Two different positive numbers $a$ and $b$ each differ from their reciprocals by $1$. What is $a+b$?

$\text{(A) }1 \qquad \text{(B) }2 \qquad \text{(C) }\sqrt 5 \qquad \text{(D) }\sqrt 6 \qquad \text{(E) }3$

Solution 1

Each of the numbers $a$ and $b$ is a solution to $\left| x - \frac 1x \right| = 1$.
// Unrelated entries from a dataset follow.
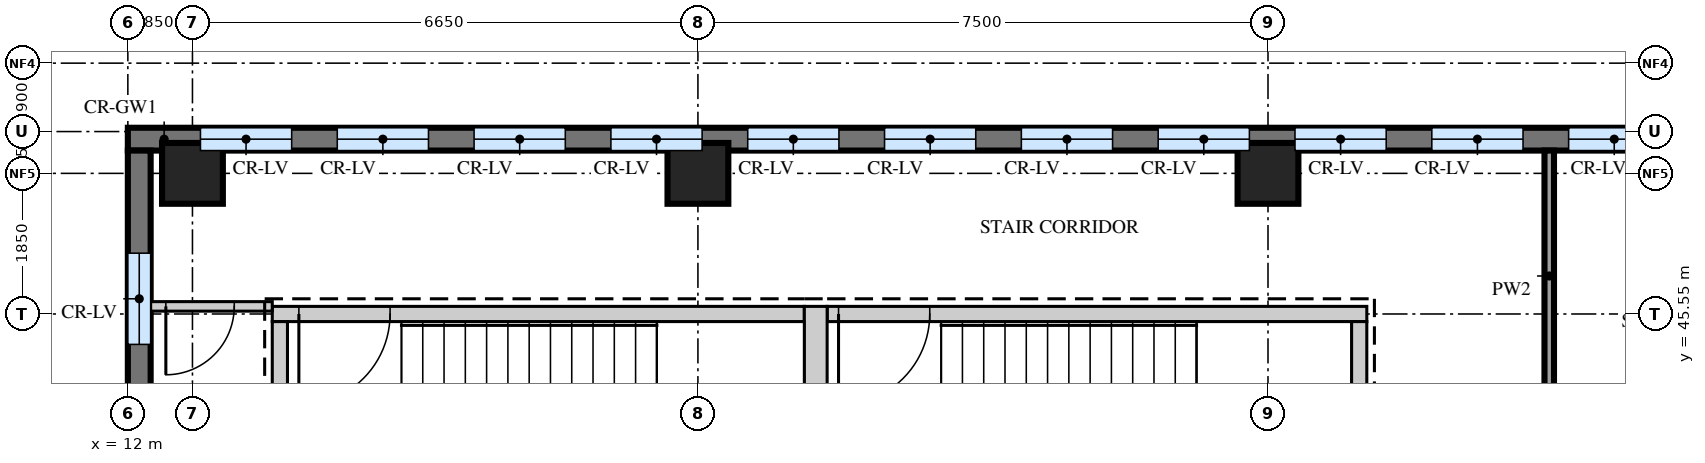
"""IFC4 building model, lengths in metres.
Left out: names, types, materials, properties, quantities, classifications, styles, units other than length and angle.
Written with IfcOpenShell. Run it as: python <this file> out.ifc"""

import sys

from ifc_helpers import new_model, si_unit, direction, frame, frame_2d, origin, origin_2d, place, context, subcontext, project, spatial, rectangle, extrude, source, transform, mapped, element, fill, save


model = new_model("IFC4")
c1 = context("Model", 3, precision=1e-05, world=origin(), true_north=direction((0.0, 1.0)))
c2 = subcontext(c1, "Body", "Model", "MODEL_VIEW")
j1 = project(units=[si_unit("LENGTHUNIT", "METRE"), si_unit("PLANEANGLEUNIT", "RADIAN")], contexts=[c1])
p1 = place(None, origin())
s1 = spatial("IfcSite", under=j1, at=p1, CompositionType="ELEMENT")
p2 = place(p1, origin())
s2 = spatial("IfcBuilding", under=s1, at=p2, CompositionType="ELEMENT")
p3 = place(p2, frame((0.0, 0.0, 334.7)))
s3 = spatial("IfcBuildingStorey", under=s2, at=p3, CompositionType="ELEMENT", Elevation=334.7)
m1 = source(origin(), c2, "Body", "SweptSolid", [
    extrude(rectangle(XDim=7.0, YDim=0.2, at=frame_2d((3.5, 0.0))), origin(), (0.0, 0.0, 1.0), 4.25),
])
p4 = place(p3, frame((13.9, 45.55, 0.0), z_axis=(0.0, 0.0, 1.0), x_axis=(1.0, 0.0, 0.0)))
e1 = element("IfcWall", 1, at=p4, inside=s3, PredefinedType="SHEAR", context=c2, shape_type="MappedRepresentation", body=[
    mapped(m1, transform((0.0, 0.0, 0.0))),
])
m2 = source(origin(), c2, "Body", "SweptSolid", [
    extrude(rectangle(XDim=1.2, YDim=2.1, at=frame_2d((0.6, 1.05))), frame((0.0, 0.11, 0.0), z_axis=(0.0, -1.0, 0.0), x_axis=(1.0, 0.0, 0.0)), (0.0, 0.0, 1.0), 0.22),
])
p5 = place(p4, frame((0.35, 0.0, 0.0)))
e2 = element("IfcOpeningElement", 2, at=p5, cuts=e1, PredefinedType="OPENING", context=c2, shape_type="MappedRepresentation", body=[
    mapped(m2, transform((0.0, 0.0, 0.0))),
])
m3 = source(origin(), c2, "Body", "SweptSolid", [
    extrude(rectangle(XDim=7.1, YDim=0.2, at=frame_2d((3.55, 0.0))), origin(), (0.0, 0.0, 1.0), 4.25),
])
p6 = place(p3, frame((21.2, 45.55, 0.0), z_axis=(0.0, 0.0, 1.0), x_axis=(1.0, 0.0, 0.0)))
e3 = element("IfcWall", 3, at=p6, inside=s3, PredefinedType="SHEAR", context=c2, shape_type="MappedRepresentation", body=[
    mapped(m3, transform((0.0, 0.0, 0.0))),
])
p7 = place(p6, frame((0.15, 0.0, 0.0)))
e4 = element("IfcOpeningElement", 4, at=p7, cuts=e3, PredefinedType="OPENING", context=c2, shape_type="MappedRepresentation", body=[
    mapped(m2, transform((0.0, 0.0, 0.0))),
])
m4 = source(origin(), c2, "Body", "SweptSolid", [
    extrude(rectangle(XDim=3.75, YDim=0.3, at=frame_2d((1.875, 0.0))), origin(), (0.0, 0.0, 1.0), 4.25),
])
p8 = place(p3, frame((21.05, 41.9, 0.0), z_axis=(0.0, 0.0, 1.0), x_axis=(0.0, 1.0, 0.0)))
e5 = element("IfcWall", 5, at=p8, inside=s3, PredefinedType="SHEAR", context=c2, shape_type="MappedRepresentation", body=[
    mapped(m4, transform((0.0, 0.0, 0.0))),
])
m5 = source(origin(), c2, "Body", "SweptSolid", [
    extrude(rectangle(XDim=3.35, YDim=0.2, at=frame_2d((1.675, 0.0))), origin(), (0.0, 0.0, 1.0), 4.25),
])
for number, where, z_axis, x_axis in (
    (6, (14.0, 42.1, 0.0), (0.0, 0.0, 1.0), (0.0, 1.0, 0.0)),
    (7, (28.2, 42.1, 0.0), (0.0, 0.0, 1.0), (0.0, 1.0, 0.0)),
):
    element("IfcWall", number, at=place(p3, frame(where, z_axis=z_axis, x_axis=x_axis)), inside=s3, PredefinedType="SHEAR", context=c2, shape_type="MappedRepresentation", body=[
        mapped(m5, transform((0.0, 0.0, 0.0))),
    ])
m6 = source(origin(), c2, "Body", "SweptSolid", [
    extrude(rectangle(XDim=0.8, YDim=0.8, at=origin_2d()), origin(), (0.0, 0.0, 1.0), 4.5),
])
for number, where, z_axis, x_axis in (
    (8, (12.85, 47.4, 0.0), (0.0, 0.0, 1.0), (1.0, 0.0, 0.0)),
    (9, (19.5, 47.4, 0.0), (0.0, 0.0, 1.0), (1.0, 0.0, 0.0)),
    (10, (27.0, 47.4, 0.0), (0.0, 0.0, 1.0), (1.0, 0.0, 0.0)),
):
    element("IfcColumn", number, at=place(p3, frame(where, z_axis=z_axis, x_axis=x_axis)), inside=s3, PredefinedType="COLUMN", context=c2, shape_type="MappedRepresentation", body=[
        mapped(m6, transform((0.0, 0.0, 0.0))),
    ])
m7 = source(origin(), c2, "Body", "SweptSolid", [
    extrude(rectangle(XDim=21.105, YDim=0.3, at=frame_2d((10.553, 0.0))), origin(), (0.0, 0.0, 1.0), 4.5),
])
p9 = place(p3, frame((33.105, 47.85, 0.0), z_axis=(0.0, 0.0, 1.0), x_axis=(-1.0, 0.0, 0.0)))
e11 = element("IfcWall", 11, at=p9, inside=s3, PredefinedType="SOLIDWALL", context=c2, shape_type="MappedRepresentation", body=[
    mapped(m7, transform((0.0, 0.0, 0.0))),
])
m8 = source(origin(), c2, "Body", "SweptSolid", [
    extrude(rectangle(XDim=1.2, YDim=2.4, at=frame_2d((0.6, 1.2))), frame((0.0, 0.16, 0.0), z_axis=(0.0, -1.0, 0.0), x_axis=(1.0, 0.0, 0.0)), (0.0, 0.0, 1.0), 0.32),
])
p10 = place(p9, frame((0.95, 0.0, 0.9)))
e12 = element("IfcOpeningElement", 12, at=p10, cuts=e11, PredefinedType="OPENING", context=c2, shape_type="MappedRepresentation", body=[
    mapped(m8, transform((0.0, 0.0, 0.0))),
])
p11 = place(p9, frame((2.75, 0.0, 0.9)))
e13 = element("IfcOpeningElement", 13, at=p11, cuts=e11, PredefinedType="OPENING", context=c2, shape_type="MappedRepresentation", body=[
    mapped(m8, transform((0.0, 0.0, 0.0))),
])
p12 = place(p9, frame((4.55, 0.0, 0.9)))
e14 = element("IfcOpeningElement", 14, at=p12, cuts=e11, PredefinedType="OPENING", context=c2, shape_type="MappedRepresentation", body=[
    mapped(m8, transform((0.0, 0.0, 0.0))),
])
p13 = place(p9, frame((6.35, 0.0, 0.9)))
e15 = element("IfcOpeningElement", 15, at=p13, cuts=e11, PredefinedType="OPENING", context=c2, shape_type="MappedRepresentation", body=[
    mapped(m8, transform((0.0, 0.0, 0.0))),
])
p14 = place(p9, frame((8.15, 0.0, 0.9)))
e16 = element("IfcOpeningElement", 16, at=p14, cuts=e11, PredefinedType="OPENING", context=c2, shape_type="MappedRepresentation", body=[
    mapped(m8, transform((0.0, 0.0, 0.0))),
])
p15 = place(p9, frame((9.95, 0.0, 0.9)))
e17 = element("IfcOpeningElement", 17, at=p15, cuts=e11, PredefinedType="OPENING", context=c2, shape_type="MappedRepresentation", body=[
    mapped(m8, transform((0.0, 0.0, 0.0))),
])
p16 = place(p9, frame((11.75, 0.0, 0.9)))
e18 = element("IfcOpeningElement", 18, at=p16, cuts=e11, PredefinedType="OPENING", context=c2, shape_type="MappedRepresentation", body=[
    mapped(m8, transform((0.0, 0.0, 0.0))),
])
p17 = place(p9, frame((13.55, 0.0, 0.9)))
e19 = element("IfcOpeningElement", 19, at=p17, cuts=e11, PredefinedType="OPENING", context=c2, shape_type="MappedRepresentation", body=[
    mapped(m8, transform((0.0, 0.0, 0.0))),
])
p18 = place(p9, frame((15.35, 0.0, 0.9)))
e20 = element("IfcOpeningElement", 20, at=p18, cuts=e11, PredefinedType="OPENING", context=c2, shape_type="MappedRepresentation", body=[
    mapped(m8, transform((0.0, 0.0, 0.0))),
])
p19 = place(p9, frame((17.15, 0.0, 0.9)))
e21 = element("IfcOpeningElement", 21, at=p19, cuts=e11, PredefinedType="OPENING", context=c2, shape_type="MappedRepresentation", body=[
    mapped(m8, transform((0.0, 0.0, 0.0))),
])
p20 = place(p9, frame((18.95, 0.0, 0.9)))
e22 = element("IfcOpeningElement", 22, at=p20, cuts=e11, PredefinedType="OPENING", context=c2, shape_type="MappedRepresentation", body=[
    mapped(m8, transform((0.0, 0.0, 0.0))),
])
m9 = source(origin(), c2, "Body", "SweptSolid", [
    extrude(rectangle(XDim=5.7, YDim=0.3, at=frame_2d((2.85, 0.0))), origin(), (0.0, 0.0, 1.0), 4.5),
])
p21 = place(p3, frame((12.15, 47.7, 0.0), z_axis=(0.0, 0.0, 1.0), x_axis=(0.0, -1.0, 0.0)))
e23 = element("IfcWall", 23, at=p21, inside=s3, PredefinedType="SOLIDWALL", context=c2, shape_type="MappedRepresentation", body=[
    mapped(m9, transform((0.0, 0.0, 0.0))),
])
p22 = place(p21, frame((1.35, 0.0, 0.9)))
e24 = element("IfcOpeningElement", 24, at=p22, cuts=e23, PredefinedType="OPENING", context=c2, shape_type="MappedRepresentation", body=[
    mapped(m8, transform((0.0, 0.0, 0.0))),
])
p23 = place(p21, frame((3.15, 0.0, 0.9)))
e25 = element("IfcOpeningElement", 25, at=p23, cuts=e23, PredefinedType="OPENING", context=c2, shape_type="MappedRepresentation", body=[
    mapped(m8, transform((0.0, 0.0, 0.0))),
])
m10 = source(origin(), c2, "Body", "SweptSolid", [
    extrude(rectangle(XDim=8.6, YDim=0.125, at=frame_2d((4.3, 0.0))), origin(), (0.0, 0.0, 1.0), 4.3),
])
p24 = place(p3, frame((30.7, 39.1, 0.0), z_axis=(0.0, 0.0, 1.0), x_axis=(0.0, 1.0, 0.0)))
e26 = element("IfcWall", 26, at=p24, inside=s3, PredefinedType="PARTITIONING", context=c2, shape_type="MappedRepresentation", body=[
    mapped(m10, transform((0.0, 0.0, 0.0))),
])
m11 = source(origin(), c2, "Body", "SweptSolid", [
    extrude(rectangle(XDim=0.9, YDim=2.1, at=frame_2d((0.45, 1.05))), frame((0.0, 0.073, 0.0), z_axis=(0.0, -1.0, 0.0), x_axis=(1.0, 0.0, 0.0)), (0.0, 0.0, 1.0), 0.145),
])
p25 = place(p24, frame((0.8, 0.0, 0.0)))
e27 = element("IfcOpeningElement", 27, at=p25, cuts=e26, PredefinedType="OPENING", context=c2, shape_type="MappedRepresentation", body=[
    mapped(m11, transform((0.0, 0.0, 0.0))),
])
m12 = source(origin(), c2, "Body", "SweptSolid", [
    extrude(rectangle(XDim=1.2, YDim=2.1, at=frame_2d((0.6, 1.05))), frame((0.0, 0.073, 0.0), z_axis=(0.0, -1.0, 0.0), x_axis=(1.0, 0.0, 0.0)), (0.0, 0.0, 1.0), 0.145),
])
p26 = place(p24, frame((4.1, 0.0, 0.0)))
e28 = element("IfcOpeningElement", 28, at=p26, cuts=e26, PredefinedType="OPENING", context=c2, shape_type="MappedRepresentation", body=[
    mapped(m12, transform((0.0, 0.0, 0.0))),
])
m13 = source(origin(), c2, "Body", "SweptSolid", [
    extrude(rectangle(XDim=1.6, YDim=0.125, at=frame_2d((0.8, 0.0))), origin(), (0.0, 0.0, 1.0), 4.3),
])
p27 = place(p3, frame((12.3, 45.65, 0.0), z_axis=(0.0, 0.0, 1.0), x_axis=(1.0, 0.0, 0.0)))
e29 = element("IfcWall", 29, at=p27, inside=s3, PredefinedType="PARTITIONING", context=c2, shape_type="MappedRepresentation", body=[
    mapped(m13, transform((0.0, 0.0, 0.0))),
])
p28 = place(p27, frame((0.2, 0.0, 0.0)))
e30 = element("IfcOpeningElement", 30, at=p28, cuts=e29, PredefinedType="OPENING", context=c2, shape_type="MappedRepresentation", body=[
    mapped(m11, transform((0.0, 0.0, 0.0))),
])
m14 = source(origin(), c2, "Body", "SweptSolid", [
    extrude(rectangle(XDim=1.2, YDim=2.4, at=frame_2d((0.6, 1.2))), frame((0.0, 0.03, 0.0), z_axis=(0.0, -1.0, 0.0), x_axis=(1.0, 0.0, 0.0)), (0.0, 0.0, 1.0), 0.06),
])
p29 = place(p10, origin())
e31 = element("IfcWindow", 31, at=p29, inside=s3, PartitioningType="SINGLE_PANEL", PredefinedType="WINDOW", context=c2, shape_type="MappedRepresentation", body=[
    mapped(m14, transform((0.0, 0.0, 0.0))),
])
fill(e12, e31)
p30 = place(p11, origin())
e32 = element("IfcWindow", 32, at=p30, inside=s3, PartitioningType="SINGLE_PANEL", PredefinedType="WINDOW", context=c2, shape_type="MappedRepresentation", body=[
    mapped(m14, transform((0.0, 0.0, 0.0))),
])
fill(e13, e32)
p31 = place(p12, origin())
e33 = element("IfcWindow", 33, at=p31, inside=s3, PartitioningType="SINGLE_PANEL", PredefinedType="WINDOW", context=c2, shape_type="MappedRepresentation", body=[
    mapped(m14, transform((0.0, 0.0, 0.0))),
])
fill(e14, e33)
p32 = place(p13, origin())
e34 = element("IfcWindow", 34, at=p32, inside=s3, PartitioningType="SINGLE_PANEL", PredefinedType="WINDOW", context=c2, shape_type="MappedRepresentation", body=[
    mapped(m14, transform((0.0, 0.0, 0.0))),
])
fill(e15, e34)
p33 = place(p14, origin())
e35 = element("IfcWindow", 35, at=p33, inside=s3, PartitioningType="SINGLE_PANEL", PredefinedType="WINDOW", context=c2, shape_type="MappedRepresentation", body=[
    mapped(m14, transform((0.0, 0.0, 0.0))),
])
fill(e16, e35)
p34 = place(p15, origin())
e36 = element("IfcWindow", 36, at=p34, inside=s3, PartitioningType="SINGLE_PANEL", PredefinedType="WINDOW", context=c2, shape_type="MappedRepresentation", body=[
    mapped(m14, transform((0.0, 0.0, 0.0))),
])
fill(e17, e36)
p35 = place(p16, origin())
e37 = element("IfcWindow", 37, at=p35, inside=s3, PartitioningType="SINGLE_PANEL", PredefinedType="WINDOW", context=c2, shape_type="MappedRepresentation", body=[
    mapped(m14, transform((0.0, 0.0, 0.0))),
])
fill(e18, e37)
p36 = place(p17, origin())
e38 = element("IfcWindow", 38, at=p36, inside=s3, PartitioningType="SINGLE_PANEL", PredefinedType="WINDOW", context=c2, shape_type="MappedRepresentation", body=[
    mapped(m14, transform((0.0, 0.0, 0.0))),
])
fill(e19, e38)
p37 = place(p18, origin())
e39 = element("IfcWindow", 39, at=p37, inside=s3, PartitioningType="SINGLE_PANEL", PredefinedType="WINDOW", context=c2, shape_type="MappedRepresentation", body=[
    mapped(m14, transform((0.0, 0.0, 0.0))),
])
fill(e20, e39)
p38 = place(p19, origin())
e40 = element("IfcWindow", 40, at=p38, inside=s3, PartitioningType="SINGLE_PANEL", PredefinedType="WINDOW", context=c2, shape_type="MappedRepresentation", body=[
    mapped(m14, transform((0.0, 0.0, 0.0))),
])
fill(e21, e40)
p39 = place(p20, origin())
e41 = element("IfcWindow", 41, at=p39, inside=s3, PartitioningType="SINGLE_PANEL", PredefinedType="WINDOW", context=c2, shape_type="MappedRepresentation", body=[
    mapped(m14, transform((0.0, 0.0, 0.0))),
])
fill(e22, e41)
p40 = place(p22, origin())
e42 = element("IfcWindow", 42, at=p40, inside=s3, PartitioningType="SINGLE_PANEL", PredefinedType="WINDOW", context=c2, shape_type="MappedRepresentation", body=[
    mapped(m14, transform((0.0, 0.0, 0.0))),
])
fill(e24, e42)
m15 = source(origin(), c2, "Body", "SweptSolid", [
    extrude(rectangle(XDim=0.9, YDim=2.1, at=frame_2d((0.45, 1.05))), frame((0.0, 0.025, 0.0), z_axis=(0.0, -1.0, 0.0), x_axis=(1.0, 0.0, 0.0)), (0.0, 0.0, 1.0), 0.05),
])
p41 = place(p28, origin())
e43 = element("IfcDoor", 43, at=p41, inside=s3, OperationType="SINGLE_SWING_LEFT", PredefinedType="DOOR", context=c2, shape_type="MappedRepresentation", body=[
    mapped(m15, transform((0.0, 0.0, 0.0))),
])
fill(e30, e43)
m16 = source(origin(), c2, "Body", "SweptSolid", [
    extrude(rectangle(XDim=1.2, YDim=2.1, at=frame_2d((0.6, 1.05))), frame((0.0, 0.025, 0.0), z_axis=(0.0, -1.0, 0.0), x_axis=(1.0, 0.0, 0.0)), (0.0, 0.0, 1.0), 0.05),
])
p42 = place(p5, origin())
e44 = element("IfcDoor", 44, at=p42, inside=s3, OperationType="SINGLE_SWING_LEFT", PredefinedType="DOOR", context=c2, shape_type="MappedRepresentation", body=[
    mapped(m16, transform((0.0, 0.0, 0.0))),
])
fill(e2, e44)
p43 = place(p7, origin())
e45 = element("IfcDoor", 45, at=p43, inside=s3, OperationType="SINGLE_SWING_LEFT", PredefinedType="DOOR", context=c2, shape_type="MappedRepresentation", body=[
    mapped(m16, transform((0.0, 0.0, 0.0))),
])
fill(e4, e45)
save(model, sys.argv[1])

Hence it is either a solution to $x - \frac 1x = 1$, or to $\frac 1x - x = 1$. Then it must be a solution either to $x^2 - x - 1 = 0$, or to $x^2 + x - 1 = 0$.

There are in total four such values of $x$, namely $\frac{\pm 1 \pm \sqrt 5}2$.

Out of these, two are positive: $\frac{-1+\sqrt 5}2$ and $\frac{1+\sqrt 5}2$. We can easily check that both of them indeed have the required property, and their sum is $\frac{-1+\sqrt 5}2 + \frac{1+\sqrt 5}2 = \boxed{(C) \sqrt 5}$.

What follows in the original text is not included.